Van de moderne kunstvezels, waarvan tegenwoordig een aanzienlijk deel van onze kleding wordt vervaardigd, is rayon de oudste.
De eerste rayonvezel werd in 1891 gemaakt door de Franse geleerde Hilaire, graaf de Chardonnet. Als grondstoffen voor zijn produkt gebruikte hij houtpulp en katoenpluis. Met behulp van bepaalde chemische stoffen veranderde hij die grondstoffen in een dikke, stroopachtige vloeistof, die hij vervolgens door een plaat met speldepuntdunne gaatjes perste. Op die wijze ontstonden fijne draadjes, die met behulp van andere chemicaliën werden gehard en die vervolgens werden samengebundeld tot dikkere weefdraden.

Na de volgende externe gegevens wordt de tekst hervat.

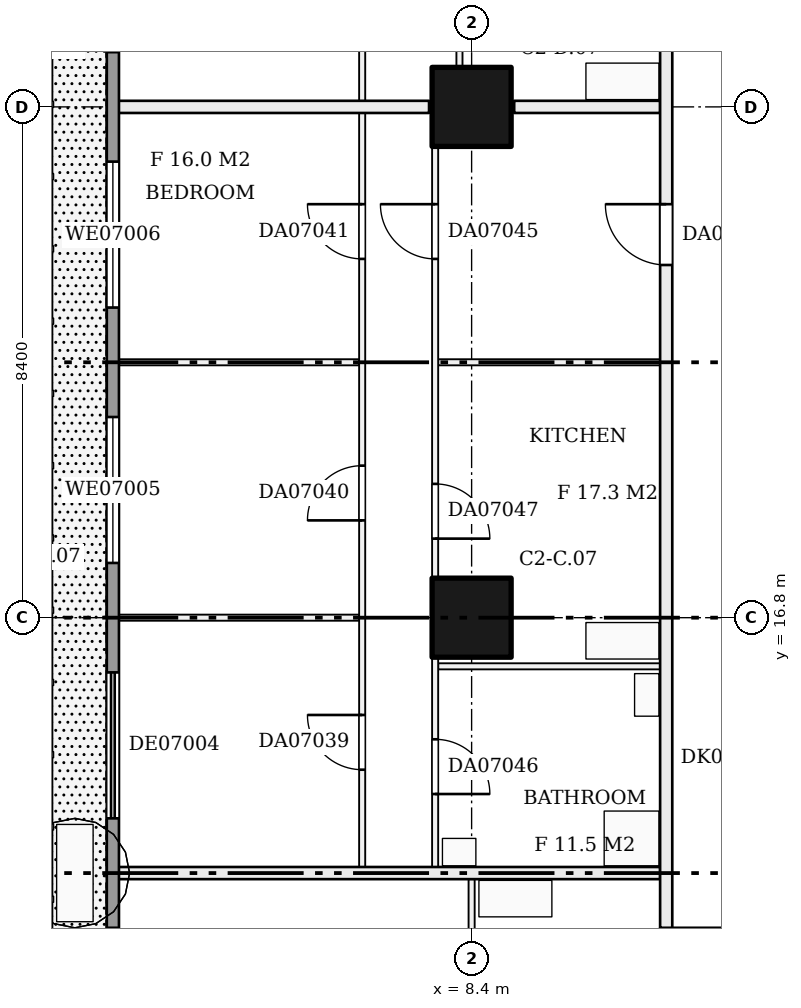
"""IFC4 building model, lengths in metres.
Left out: names, types, materials, properties, quantities, classifications, styles, units other than length and angle.
Written with IfcOpenShell. Run it as: python <this file> out.ifc"""

import sys

from ifc_helpers import new_model, si_unit, direction, frame, frame_2d, origin, origin_2d, place, context, subcontext, project, spatial, rectangle, extrude, element, fill, save


model = new_model("IFC4")
c1 = context("Model", 3, precision=1e-05, world=origin(), true_north=direction((0.0, 1.0)))
c2 = subcontext(c1, "Body", "Model", "MODEL_VIEW")
j1 = project(units=[si_unit("LENGTHUNIT", "METRE"), si_unit("PLANEANGLEUNIT", "RADIAN")], contexts=[c1])
p1 = place(None, origin())
s1 = spatial("IfcSite", under=j1, at=p1, CompositionType="ELEMENT")
p2 = place(p1, origin())
s2 = spatial("IfcBuilding", under=s1, at=p2, CompositionType="ELEMENT")
p3 = place(p2, frame((0.0, 0.0, 35.7)))
s3 = spatial("IfcBuildingStorey", under=s2, at=p3, CompositionType="ELEMENT", Elevation=35.7)
for number, where, z_axis, x_axis in (
    (1, (8.4, 16.8, 0.0), (0.0, 0.0, 1.0), (1.0, 0.0, 0.0)),
    (2, (8.4, 25.2, 0.0), (0.0, 0.0, 1.0), (1.0, 0.0, 0.0)),
):
    element("IfcColumn", number, at=place(p3, frame(where, z_axis=z_axis, x_axis=x_axis)), inside=s3, PredefinedType="COLUMN", context=c2, shape_type="SweptSolid", body=[
        extrude(rectangle(XDim=1.3, YDim=1.3, at=origin_2d()), origin(), (0.0, 0.0, 1.0), 3.22),
    ])
p4 = place(p3, frame((11.5, 11.6, 0.0), z_axis=(0.0, 0.0, 1.0), x_axis=(1.0, 0.0, 0.0)))
e3 = element("IfcWall", 3, at=p4, inside=s3, PredefinedType="PARTITIONING", context=c2, shape_type="SweptSolid", body=[
    extrude(rectangle(XDim=30.5, YDim=0.2, at=frame_2d((15.25, 0.0))), origin(), (0.0, 0.0, 1.0), 3.22),
])
p5 = place(p4, frame((3.84, 0.0, 0.0)))
e4 = element("IfcOpeningElement", 4, at=p5, cuts=e3, PredefinedType="OPENING", context=c2, shape_type="SweptSolid", body=[
    extrude(rectangle(XDim=1.0, YDim=2.1, at=frame_2d((0.5, 1.05))), frame((0.0, 0.11, 0.0), z_axis=(0.0, -1.0, 0.0), x_axis=(1.0, 0.0, 0.0)), (0.0, 0.0, 1.0), 0.22),
])
p6 = place(p4, frame((18.933, 0.0, 0.0)))
e5 = element("IfcOpeningElement", 5, at=p6, cuts=e3, PredefinedType="OPENING", context=c2, shape_type="SweptSolid", body=[
    extrude(rectangle(XDim=1.0, YDim=2.1, at=frame_2d((0.5, 1.05))), frame((0.0, 0.11, 0.0), z_axis=(0.0, -1.0, 0.0), x_axis=(1.0, 0.0, 0.0)), (0.0, 0.0, 1.0), 0.22),
])
p7 = place(p4, frame((28.733, 0.0, 0.0)))
e6 = element("IfcOpeningElement", 6, at=p7, cuts=e3, PredefinedType="OPENING", context=c2, shape_type="SweptSolid", body=[
    extrude(rectangle(XDim=1.0, YDim=2.1, at=frame_2d((0.5, 1.05))), frame((0.0, 0.11, 0.0), z_axis=(0.0, -1.0, 0.0), x_axis=(1.0, 0.0, 0.0)), (0.0, 0.0, 1.0), 0.22),
])
p8 = place(p3, frame((2.5, 12.6, 0.0), z_axis=(0.0, 0.0, 1.0), x_axis=(1.0, 0.0, 0.0)))
e7 = element("IfcWall", 7, at=p8, inside=s3, PredefinedType="PARTITIONING", context=c2, shape_type="SweptSolid", body=[
    extrude(rectangle(XDim=9.0, YDim=0.2, at=frame_2d((4.5, 0.0))), origin(), (0.0, 0.0, 1.0), 3.22),
])
p9 = place(p3, frame((7.85, 16.0, 0.0), z_axis=(0.0, 0.0, 1.0), x_axis=(1.0, 0.0, 0.0)))
e8 = element("IfcWall", 8, at=p9, inside=s3, PredefinedType="PARTITIONING", context=c2, shape_type="SweptSolid", body=[
    extrude(rectangle(XDim=3.65, YDim=0.1, at=frame_2d((1.825, 0.0))), origin(), (0.0, 0.0, 1.0), 3.22),
])
for number, where, z_axis, x_axis in (
    (9, (2.5, 16.8, 0.0), (0.0, 0.0, 1.0), (1.0, 0.0, 0.0)),
    (10, (2.5, 21.0, 0.0), (0.0, 0.0, 1.0), (1.0, 0.0, 0.0)),
):
    element("IfcWall", number, at=place(p3, frame(where, z_axis=z_axis, x_axis=x_axis)), inside=s3, PredefinedType="PARTITIONING", context=c2, shape_type="SweptSolid", body=[
        extrude(rectangle(XDim=4.05, YDim=0.1, at=frame_2d((2.025, 0.0))), origin(), (0.0, 0.0, 1.0), 3.22),
    ])
p10 = place(p3, frame((7.85, 21.0, 0.0), z_axis=(0.0, 0.0, 1.0), x_axis=(1.0, 0.0, 0.0)))
e11 = element("IfcWall", 11, at=p10, inside=s3, PredefinedType="PARTITIONING", context=c2, shape_type="SweptSolid", body=[
    extrude(rectangle(XDim=3.65, YDim=0.1, at=frame_2d((1.825, 0.0))), origin(), (0.0, 0.0, 1.0), 3.22),
])
p11 = place(p3, frame((2.5, 25.2, 0.0), z_axis=(0.0, 0.0, 1.0), x_axis=(1.0, 0.0, 0.0)))
e12 = element("IfcWall", 12, at=p11, inside=s3, PredefinedType="PARTITIONING", context=c2, shape_type="SweptSolid", body=[
    extrude(rectangle(XDim=5.2, YDim=0.2, at=frame_2d((2.6, 0.0))), origin(), (0.0, 0.0, 1.0), 3.22),
])
p12 = place(p3, frame((9.1, 25.2, 0.0), z_axis=(0.0, 0.0, 1.0), x_axis=(1.0, 0.0, 0.0)))
e13 = element("IfcWall", 13, at=p12, inside=s3, PredefinedType="PARTITIONING", context=c2, shape_type="SweptSolid", body=[
    extrude(rectangle(XDim=2.4, YDim=0.2, at=frame_2d((1.2, 0.0))), origin(), (0.0, 0.0, 1.0), 3.22),
])
p13 = place(p3, frame((6.6, 12.7, 0.0), z_axis=(0.0, 0.0, 1.0), x_axis=(0.0, 1.0, 0.0)))
e14 = element("IfcWall", 14, at=p13, inside=s3, PredefinedType="PARTITIONING", context=c2, shape_type="SweptSolid", body=[
    extrude(rectangle(XDim=29.2, YDim=0.1, at=frame_2d((14.6, 0.0))), origin(), (0.0, 0.0, 1.0), 3.22),
])
p14 = place(p13, frame((1.6, 0.0, 0.0)))
e15 = element("IfcOpeningElement", 15, at=p14, cuts=e14, PredefinedType="OPENING", context=c2, shape_type="SweptSolid", body=[
    extrude(rectangle(XDim=0.9, YDim=2.1, at=frame_2d((0.45, 1.05))), frame((0.0, 0.06, 0.0), z_axis=(0.0, -1.0, 0.0), x_axis=(1.0, 0.0, 0.0)), (0.0, 0.0, 1.0), 0.12),
])
p15 = place(p13, frame((5.7, 0.0, 0.0)))
e16 = element("IfcOpeningElement", 16, at=p15, cuts=e14, PredefinedType="OPENING", context=c2, shape_type="SweptSolid", body=[
    extrude(rectangle(XDim=0.9, YDim=2.1, at=frame_2d((0.45, 1.05))), frame((0.0, 0.06, 0.0), z_axis=(0.0, -1.0, 0.0), x_axis=(1.0, 0.0, 0.0)), (0.0, 0.0, 1.0), 0.12),
])
p16 = place(p13, frame((10.0, 0.0, 0.0)))
e17 = element("IfcOpeningElement", 17, at=p16, cuts=e14, PredefinedType="OPENING", context=c2, shape_type="SweptSolid", body=[
    extrude(rectangle(XDim=0.9, YDim=2.1, at=frame_2d((0.45, 1.05))), frame((0.0, 0.06, 0.0), z_axis=(0.0, -1.0, 0.0), x_axis=(1.0, 0.0, 0.0)), (0.0, 0.0, 1.0), 0.12),
])
p17 = place(p13, frame((16.2, 0.0, 0.0)))
e18 = element("IfcOpeningElement", 18, at=p17, cuts=e14, PredefinedType="OPENING", context=c2, shape_type="SweptSolid", body=[
    extrude(rectangle(XDim=0.9, YDim=2.1, at=frame_2d((0.45, 1.05))), frame((0.0, 0.06, 0.0), z_axis=(0.0, -1.0, 0.0), x_axis=(1.0, 0.0, 0.0)), (0.0, 0.0, 1.0), 0.12),
])
p18 = place(p13, frame((22.5, 0.0, 0.0)))
e19 = element("IfcOpeningElement", 19, at=p18, cuts=e14, PredefinedType="OPENING", context=c2, shape_type="SweptSolid", body=[
    extrude(rectangle(XDim=0.9, YDim=2.1, at=frame_2d((0.45, 1.05))), frame((0.0, 0.06, 0.0), z_axis=(0.0, -1.0, 0.0), x_axis=(1.0, 0.0, 0.0)), (0.0, 0.0, 1.0), 0.12),
])
p19 = place(p13, frame((26.7, 0.0, 0.0)))
e20 = element("IfcOpeningElement", 20, at=p19, cuts=e14, PredefinedType="OPENING", context=c2, shape_type="SweptSolid", body=[
    extrude(rectangle(XDim=0.9, YDim=2.1, at=frame_2d((0.45, 1.05))), frame((0.0, 0.06, 0.0), z_axis=(0.0, -1.0, 0.0), x_axis=(1.0, 0.0, 0.0)), (0.0, 0.0, 1.0), 0.12),
])
p20 = place(p3, frame((7.8, 12.7, 0.0), z_axis=(0.0, 0.0, 1.0), x_axis=(0.0, 1.0, 0.0)))
e21 = element("IfcWall", 21, at=p20, inside=s3, PredefinedType="PARTITIONING", context=c2, shape_type="SweptSolid", body=[
    extrude(rectangle(XDim=12.4, YDim=0.1, at=frame_2d((6.2, 0.0))), origin(), (0.0, 0.0, 1.0), 3.22),
])
p21 = place(p20, frame((10.0, 0.0, 0.0)))
e22 = element("IfcOpeningElement", 22, at=p21, cuts=e21, PredefinedType="OPENING", context=c2, shape_type="SweptSolid", body=[
    extrude(rectangle(XDim=0.9, YDim=2.1, at=frame_2d((0.45, 1.05))), frame((0.0, 0.06, 0.0), z_axis=(0.0, -1.0, 0.0), x_axis=(1.0, 0.0, 0.0)), (0.0, 0.0, 1.0), 0.12),
])
p22 = place(p20, frame((1.2, 0.0, 0.0)))
e23 = element("IfcOpeningElement", 23, at=p22, cuts=e21, PredefinedType="OPENING", context=c2, shape_type="SweptSolid", body=[
    extrude(rectangle(XDim=0.9, YDim=2.1, at=frame_2d((0.45, 1.05))), frame((0.0, 0.06, 0.0), z_axis=(0.0, -1.0, 0.0), x_axis=(1.0, 0.0, 0.0)), (0.0, 0.0, 1.0), 0.12),
])
p23 = place(p20, frame((5.4, 0.0, 0.0)))
e24 = element("IfcOpeningElement", 24, at=p23, cuts=e21, PredefinedType="OPENING", context=c2, shape_type="SweptSolid", body=[
    extrude(rectangle(XDim=0.9, YDim=2.1, at=frame_2d((0.45, 1.05))), frame((0.0, 0.06, 0.0), z_axis=(0.0, -1.0, 0.0), x_axis=(1.0, 0.0, 0.0)), (0.0, 0.0, 1.0), 0.12),
])
p24 = place(p3, frame((8.2, 25.3, 0.0), z_axis=(0.0, 0.0, 1.0), x_axis=(0.0, 1.0, 0.0)))
e25 = element("IfcWall", 25, at=p24, inside=s3, PredefinedType="PARTITIONING", context=c2, shape_type="SweptSolid", body=[
    extrude(rectangle(XDim=16.6, YDim=0.1, at=frame_2d((8.3, 0.0))), origin(), (0.0, 0.0, 1.0), 3.22),
])
p25 = place(p24, frame((9.167, 0.0, 0.0)))
e26 = element("IfcOpeningElement", 26, at=p25, cuts=e25, PredefinedType="OPENING", context=c2, shape_type="SweptSolid", body=[
    extrude(rectangle(XDim=0.9, YDim=2.1, at=frame_2d((0.45, 1.05))), frame((0.0, 0.06, 0.0), z_axis=(0.0, -1.0, 0.0), x_axis=(1.0, 0.0, 0.0)), (0.0, 0.0, 1.0), 0.12),
])
p26 = place(p24, frame((2.5, 0.0, 0.0)))
e27 = element("IfcOpeningElement", 27, at=p26, cuts=e25, PredefinedType="OPENING", context=c2, shape_type="SweptSolid", body=[
    extrude(rectangle(XDim=0.9, YDim=2.1, at=frame_2d((0.45, 1.05))), frame((0.0, 0.06, 0.0), z_axis=(0.0, -1.0, 0.0), x_axis=(1.0, 0.0, 0.0)), (0.0, 0.0, 1.0), 0.12),
])
p27 = place(p24, frame((13.533, 0.0, 0.0)))
e28 = element("IfcOpeningElement", 28, at=p27, cuts=e25, PredefinedType="OPENING", context=c2, shape_type="SweptSolid", body=[
    extrude(rectangle(XDim=0.9, YDim=2.1, at=frame_2d((0.45, 1.05))), frame((0.0, 0.06, 0.0), z_axis=(0.0, -1.0, 0.0), x_axis=(1.0, 0.0, 0.0)), (0.0, 0.0, 1.0), 0.12),
])
p28 = place(p3, frame((8.4, 9.1, 0.0), z_axis=(0.0, 0.0, 1.0), x_axis=(0.0, 1.0, 0.0)))
e29 = element("IfcWall", 29, at=p28, inside=s3, PredefinedType="PARTITIONING", context=c2, shape_type="SweptSolid", body=[
    extrude(rectangle(XDim=3.4, YDim=0.1, at=frame_2d((1.7, 0.0))), origin(), (0.0, 0.0, 1.0), 3.22),
])
p29 = place(p3, frame((11.6, 11.7, 0.0), z_axis=(0.0, 0.0, 1.0), x_axis=(0.0, 1.0, 0.0)))
e30 = element("IfcWall", 30, at=p29, inside=s3, PredefinedType="PARTITIONING", context=c2, shape_type="SweptSolid", body=[
    extrude(rectangle(XDim=30.3, YDim=0.2, at=frame_2d((15.15, 0.0))), origin(), (0.0, 0.0, 1.0), 3.22),
])
p30 = place(p29, frame((10.9, 0.0, 0.0)))
e31 = element("IfcOpeningElement", 31, at=p30, cuts=e30, PredefinedType="OPENING", context=c2, shape_type="SweptSolid", body=[
    extrude(rectangle(XDim=1.0, YDim=2.1, at=frame_2d((0.5, 1.05))), frame((0.0, 0.11, 0.0), z_axis=(0.0, -1.0, 0.0), x_axis=(1.0, 0.0, 0.0)), (0.0, 0.0, 1.0), 0.22),
])
p31 = place(p29, frame((21.667, 0.0, 0.0)))
e32 = element("IfcOpeningElement", 32, at=p31, cuts=e30, PredefinedType="OPENING", context=c2, shape_type="SweptSolid", body=[
    extrude(rectangle(XDim=1.0, YDim=2.1, at=frame_2d((0.5, 1.05))), frame((0.0, 0.11, 0.0), z_axis=(0.0, -1.0, 0.0), x_axis=(1.0, 0.0, 0.0)), (0.0, 0.0, 1.0), 0.22),
])
p32 = place(p3, frame((2.5, 53.8, 0.0), z_axis=(0.0, 0.0, 1.0), x_axis=(0.0, -1.0, 0.0)))
e33 = element("IfcWall", 33, at=p32, inside=s3, PredefinedType="SOLIDWALL", context=c2, shape_type="SweptSolid", body=[
    extrude(rectangle(XDim=48.8, YDim=0.2, at=frame_2d((24.4, 0.0))), origin(), (0.0, 0.0, 1.0), 3.22),
])
p33 = place(p32, frame((46.1, 0.0, 0.0)))
e34 = element("IfcOpeningElement", 34, at=p33, cuts=e33, PredefinedType="OPENING", context=c2, shape_type="SweptSolid", body=[
    extrude(rectangle(XDim=2.4, YDim=2.2, at=frame_2d((1.2, 1.1))), frame((0.0, 0.11, 0.0), z_axis=(0.0, -1.0, 0.0), x_axis=(1.0, 0.0, 0.0)), (0.0, 0.0, 1.0), 0.22),
])
p34 = place(p32, frame((42.1, 0.0, 0.0)))
e35 = element("IfcOpeningElement", 35, at=p34, cuts=e33, PredefinedType="OPENING", context=c2, shape_type="SweptSolid", body=[
    extrude(rectangle(XDim=2.4, YDim=2.2, at=frame_2d((1.2, 1.1))), frame((0.0, 0.11, 0.0), z_axis=(0.0, -1.0, 0.0), x_axis=(1.0, 0.0, 0.0)), (0.0, 0.0, 1.0), 0.22),
])
p35 = place(p32, frame((37.9, 0.0, 0.0)))
e36 = element("IfcOpeningElement", 36, at=p35, cuts=e33, PredefinedType="OPENING", context=c2, shape_type="SweptSolid", body=[
    extrude(rectangle(XDim=2.4, YDim=2.2, at=frame_2d((1.2, 1.1))), frame((0.0, 0.11, 0.0), z_axis=(0.0, -1.0, 0.0), x_axis=(1.0, 0.0, 0.0)), (0.0, 0.0, 1.0), 0.22),
])
p36 = place(p32, frame((33.7, 0.0, 0.9)))
e37 = element("IfcOpeningElement", 37, at=p36, cuts=e33, PredefinedType="OPENING", context=c2, shape_type="SweptSolid", body=[
    extrude(rectangle(XDim=2.4, YDim=1.5, at=frame_2d((1.2, 0.75))), frame((0.0, 0.11, 0.0), z_axis=(0.0, -1.0, 0.0), x_axis=(1.0, 0.0, 0.0)), (0.0, 0.0, 1.0), 0.22),
])
p37 = place(p32, frame((29.5, 0.0, 0.9)))
e38 = element("IfcOpeningElement", 38, at=p37, cuts=e33, PredefinedType="OPENING", context=c2, shape_type="SweptSolid", body=[
    extrude(rectangle(XDim=2.4, YDim=1.5, at=frame_2d((1.2, 0.75))), frame((0.0, 0.11, 0.0), z_axis=(0.0, -1.0, 0.0), x_axis=(1.0, 0.0, 0.0)), (0.0, 0.0, 1.0), 0.22),
])
p38 = place(p32, frame((25.3, 0.0, 0.0)))
e39 = element("IfcOpeningElement", 39, at=p38, cuts=e33, PredefinedType="OPENING", context=c2, shape_type="SweptSolid", body=[
    extrude(rectangle(XDim=2.4, YDim=2.2, at=frame_2d((1.2, 1.1))), frame((0.0, 0.11, 0.0), z_axis=(0.0, -1.0, 0.0), x_axis=(1.0, 0.0, 0.0)), (0.0, 0.0, 1.0), 0.22),
])
p39 = place(p32, frame((21.1, 0.0, 0.0)))
e40 = element("IfcOpeningElement", 40, at=p39, cuts=e33, PredefinedType="OPENING", context=c2, shape_type="SweptSolid", body=[
    extrude(rectangle(XDim=2.4, YDim=2.2, at=frame_2d((1.2, 1.1))), frame((0.0, 0.11, 0.0), z_axis=(0.0, -1.0, 0.0), x_axis=(1.0, 0.0, 0.0)), (0.0, 0.0, 1.0), 0.22),
])
p40 = place(p32, frame((16.9, 0.0, 0.9)))
e41 = element("IfcOpeningElement", 41, at=p40, cuts=e33, PredefinedType="OPENING", context=c2, shape_type="SweptSolid", body=[
    extrude(rectangle(XDim=2.4, YDim=1.5, at=frame_2d((1.2, 0.75))), frame((0.0, 0.11, 0.0), z_axis=(0.0, -1.0, 0.0), x_axis=(1.0, 0.0, 0.0)), (0.0, 0.0, 1.0), 0.22),
])
p41 = place(p32, frame((12.7, 0.0, 0.9)))
e42 = element("IfcOpeningElement", 42, at=p41, cuts=e33, PredefinedType="OPENING", context=c2, shape_type="SweptSolid", body=[
    extrude(rectangle(XDim=2.4, YDim=1.5, at=frame_2d((1.2, 0.75))), frame((0.0, 0.11, 0.0), z_axis=(0.0, -1.0, 0.0), x_axis=(1.0, 0.0, 0.0)), (0.0, 0.0, 1.0), 0.22),
])
p42 = place(p32, frame((8.5, 0.0, 0.9)))
e43 = element("IfcOpeningElement", 43, at=p42, cuts=e33, PredefinedType="OPENING", context=c2, shape_type="SweptSolid", body=[
    extrude(rectangle(XDim=2.4, YDim=1.5, at=frame_2d((1.2, 0.75))), frame((0.0, 0.11, 0.0), z_axis=(0.0, -1.0, 0.0), x_axis=(1.0, 0.0, 0.0)), (0.0, 0.0, 1.0), 0.22),
])
p43 = place(p32, frame((4.3, 0.0, 0.9)))
e44 = element("IfcOpeningElement", 44, at=p43, cuts=e33, PredefinedType="OPENING", context=c2, shape_type="SweptSolid", body=[
    extrude(rectangle(XDim=2.4, YDim=1.5, at=frame_2d((1.2, 0.75))), frame((0.0, 0.11, 0.0), z_axis=(0.0, -1.0, 0.0), x_axis=(1.0, 0.0, 0.0)), (0.0, 0.0, 1.0), 0.22),
])
p44 = place(p32, frame((0.3, 0.0, 0.9)))
e45 = element("IfcOpeningElement", 45, at=p44, cuts=e33, PredefinedType="OPENING", context=c2, shape_type="SweptSolid", body=[
    extrude(rectangle(XDim=2.4, YDim=1.5, at=frame_2d((1.2, 0.75))), frame((0.0, 0.11, 0.0), z_axis=(0.0, -1.0, 0.0), x_axis=(1.0, 0.0, 0.0)), (0.0, 0.0, 1.0), 0.22),
])
p45 = place(p14, origin())
e46 = element("IfcDoor", 46, at=p45, inside=s3, OperationType="SINGLE_SWING_RIGHT", PredefinedType="DOOR", context=c2, shape_type="SweptSolid", body=[
    extrude(rectangle(XDim=0.9, YDim=2.1, at=frame_2d((0.45, 1.05))), frame((0.0, 0.025, 0.0), z_axis=(0.0, -1.0, 0.0), x_axis=(1.0, 0.0, 0.0)), (0.0, 0.0, 1.0), 0.05),
])
fill(e15, e46)
p46 = place(p15, origin())
e47 = element("IfcDoor", 47, at=p46, inside=s3, OperationType="SINGLE_SWING_LEFT", PredefinedType="DOOR", context=c2, shape_type="SweptSolid", body=[
    extrude(rectangle(XDim=0.9, YDim=2.1, at=frame_2d((0.45, 1.05))), frame((0.0, 0.025, 0.0), z_axis=(0.0, -1.0, 0.0), x_axis=(1.0, 0.0, 0.0)), (0.0, 0.0, 1.0), 0.05),
])
fill(e16, e47)
p47 = place(p16, origin())
e48 = element("IfcDoor", 48, at=p47, inside=s3, OperationType="SINGLE_SWING_RIGHT", PredefinedType="DOOR", context=c2, shape_type="SweptSolid", body=[
    extrude(rectangle(XDim=0.9, YDim=2.1, at=frame_2d((0.45, 1.05))), frame((0.0, 0.025, 0.0), z_axis=(0.0, -1.0, 0.0), x_axis=(1.0, 0.0, 0.0)), (0.0, 0.0, 1.0), 0.05),
])
fill(e17, e48)
p48 = place(p21, origin())
e49 = element("IfcDoor", 49, at=p48, inside=s3, OperationType="SINGLE_SWING_RIGHT", PredefinedType="DOOR", context=c2, shape_type="SweptSolid", body=[
    extrude(rectangle(XDim=0.9, YDim=2.1, at=frame_2d((0.45, 1.05))), frame((0.0, 0.025, 0.0), z_axis=(0.0, -1.0, 0.0), x_axis=(1.0, 0.0, 0.0)), (0.0, 0.0, 1.0), 0.05),
])
fill(e22, e49)
p49 = place(p22, frame((0.9, 0.0, 0.0), z_axis=(0.0, 0.0, 1.0), x_axis=(-1.0, 0.0, 0.0)))
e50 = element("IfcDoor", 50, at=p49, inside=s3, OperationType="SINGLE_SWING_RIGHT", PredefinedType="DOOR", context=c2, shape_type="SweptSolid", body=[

De nieuwe vezel heette aanvankelijk ‘kunstzijde’. De naam rayon ontstond pas 25 jaar later, toen de vinding van De Chardonnet in de Verenigde Staten werd toegepast. Aanvankelijk voelde het publiek er weinig voor rayon weefsels te kopen. Toen de rayonproduktie in de Verenigde Staten op gang kwam, was de kwaliteit van deze kunstvezel echter aanzienlijk verbeterd en kreeg de koper vertrouwen in het nieuwe produkt. Tegenwoordig worden er jaarlijks grote hoeveelheden rayon vervaardigd, verwerkt en verkocht. Met de meeste andere kunstvezelsoorten heeft de rayonvezel gemeen, dat hij glad en rond is, daardoor geen water en geen vuil opneemt, weinig kreukt en praktisch niet slijt.